Friday, Nov. 11, 1966

Actor as Writer

THE FRONTIERS OF THE SEA by Peter Ustinov. 247 pages. Atlanfic-Littleff/e, Brown. $4.95.

Peter Ustinov, an actor who writes, prefers to be known as a writer who acts. "Acting is the quickest way of making a living," he says. "Writing is a longer-term thing. It is also--from the purely day-to-day angle--a kind of insurance policy."

If he is really seeking an insurance shelter, it seems clear that at 45, Ustinov has few worries. Successful as actor, director, composer, mimic and raconteur, he has also established himself as an author of respectable talent and prodigious output. Besides 16 plays (including The Love of Four Colonels and Romanoff and Juliet), he has tooled a better-than-average novel, The Loser, a collection of short stories, Add a Dash of Pity, and two volumes of better-than-average caricatures.

What Ustinov has done, though, is dissipate his talents to the point where his prose fails for lack of discipline. This new volume of nine short stories is an example. Ustinov sometimes draws his characters so broadly that they are not entirely believable on the printed page. In Dreams of Papua, a tale of high policymaking in Washington, there is a good deal of wry satire, but it deteriorates into dispirited burlesque, though given the proper setting and makeup, Ustinov could probably make something hilariously funny of it.

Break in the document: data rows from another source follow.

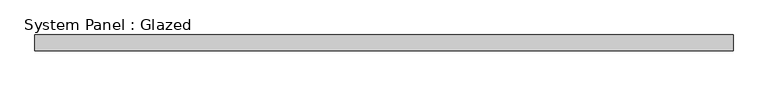
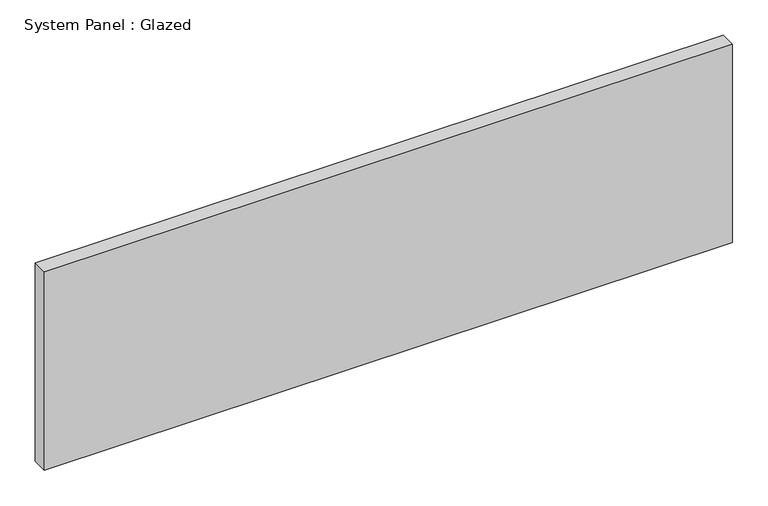
"""IFC4 building model written with IfcOpenShell, lengths in millimetres: plate geometry, System Panel : Glazed."""

from ifc_helpers import new_model, si_unit, origin, origin_with_axes, place, context, project, spatial, polyline, outline, extrude, source, transform, mapped, element, save


def system_panel_glazed_01dbb714(model_context):
    return source(origin(), model_context, "Body", "SweptSolid", [
        extrude(outline(polyline([(561.975, -44.45), (-561.975, -44.45), (-561.975, -19.05), (561.975, -19.05), (561.975, -44.45)])), origin_with_axes(), (0.0, 0.0, 1.0), 342.9),
    ])


if __name__ == "__main__":
    model = new_model("IFC4")
    model_context = context("Model", 3, world=origin())
    ifc_project = project(units=[si_unit("LENGTHUNIT", "METRE", prefix="MILLI")], contexts=[model_context])
    site = spatial("IfcSite", under=ifc_project)
    building = spatial("IfcBuilding", under=site)
    placement = place(None, origin())
    system_panel_glazed_shape = system_panel_glazed_01dbb714(model_context)
    element("IfcPlate", 1, ObjectType="System Panel : Glazed", at=placement, inside=building, context=model_context, shape_type="MappedRepresentation", body=[
        mapped(system_panel_glazed_shape, transform((0.0, 0.0, 0.0), x_axis=(1.0, 0.0, 0.0), y_axis=(0.0, 1.0, 0.0), z_axis=(0.0, 0.0, 1.0))),
    ])
    save(model, "model.ifc")

# Revit data of these elements
# Type "System Panel : Glazed"
#   Construction Type Id = "GSP4R"
#   Analytic Construction = "1/8 in Pilkington single glazing"
#   Visual Light Transmittance = 0.9
#   Solar Heat Gain Coefficient = 0.86
#   Heat Transfer Coefficient (U) = 1.18115 BTU/(h·ft²·°F)
#   Define Thermal Properties by = 1
# Element 1 (IfcPlate, "System Panel : Glazed")
#   Materials on its faces: "GARAGE PANEL"
# Materials
#   "GARAGE PANEL": class "Generic", colour RGB 120 120 120, transparency 0, Cost = 0
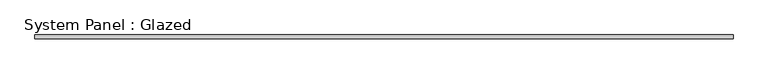
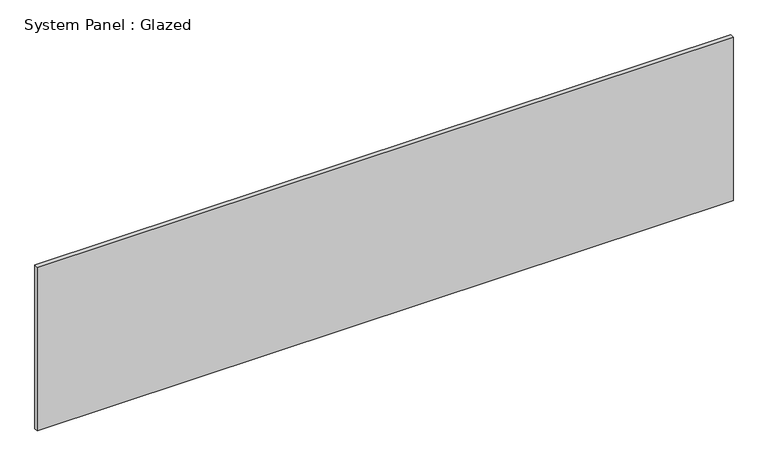
"""IFC4 building model written with IfcOpenShell, lengths in millimetres: plate geometry, System Panel : Glazed."""

from ifc_helpers import new_model, si_unit, origin, origin_with_axes, place, context, project, spatial, polyline, outline, extrude, source, transform, mapped, element, save


def system_panel_glazed_7fa16c81(model_context):
    return source(origin(), model_context, "Body", "SweptSolid", [
        extrude(outline(polyline([(2323.1452201, 19.05), (-2323.1452201, 19.05), (-2323.1452201, 44.45), (2323.1452201, 44.45), (2323.1452201, 19.05)])), origin_with_axes(), (0.0, 0.0, 1.0), 1155.7),
    ])


if __name__ == "__main__":
    model = new_model("IFC4")
    model_context = context("Model", 3, world=origin())
    ifc_project = project(units=[si_unit("LENGTHUNIT", "METRE", prefix="MILLI")], contexts=[model_context])
    site = spatial("IfcSite", under=ifc_project)
    building = spatial("IfcBuilding", under=site)
    placement = place(None, origin())
    system_panel_glazed_shape = system_panel_glazed_7fa16c81(model_context)
    element("IfcPlate", 1, ObjectType="System Panel : Glazed", at=placement, inside=building, context=model_context, shape_type="MappedRepresentation", body=[
        mapped(system_panel_glazed_shape, transform((0.0, 0.0, 0.0), x_axis=(1.0, 0.0, 0.0), y_axis=(0.0, 1.0, 0.0), z_axis=(0.0, 0.0, 1.0))),
    ])
    save(model, "model.ifc")

# Revit data of these elements
# Type "System Panel : Glazed"
#   Construction Type Id = "GSP4R"
#   Analytic Construction = "1/8 in Pilkington single glazing"
#   Visual Light Transmittance = 0.9
#   Solar Heat Gain Coefficient = 0.86
#   Heat Transfer Coefficient (U) = 1.18115 BTU/(h·ft²·°F)
# Element 1 (IfcPlate, "System Panel : Glazed")
#   Materials on its faces: "Glass"
# Materials
#   "Glass": class "Glass", colour RGB 0 128 192, transparency 0.75, Description = "Soda Lime Glass", Cost = 0

Nevertheless, the stories on balance are often captivating, and two of them alone make the book well worth reading. The best is the title story, which tells of the deep friendship between a testy old Spanish fisherman and an Albanian sailor, neither of whom ever learns to speak the other's language. In Life Is an Operetta, Ustinov uses his expertise to write a deceptively simple account of a Hungarian singer who will linger in memory as the quintessential Hungarian female on the make.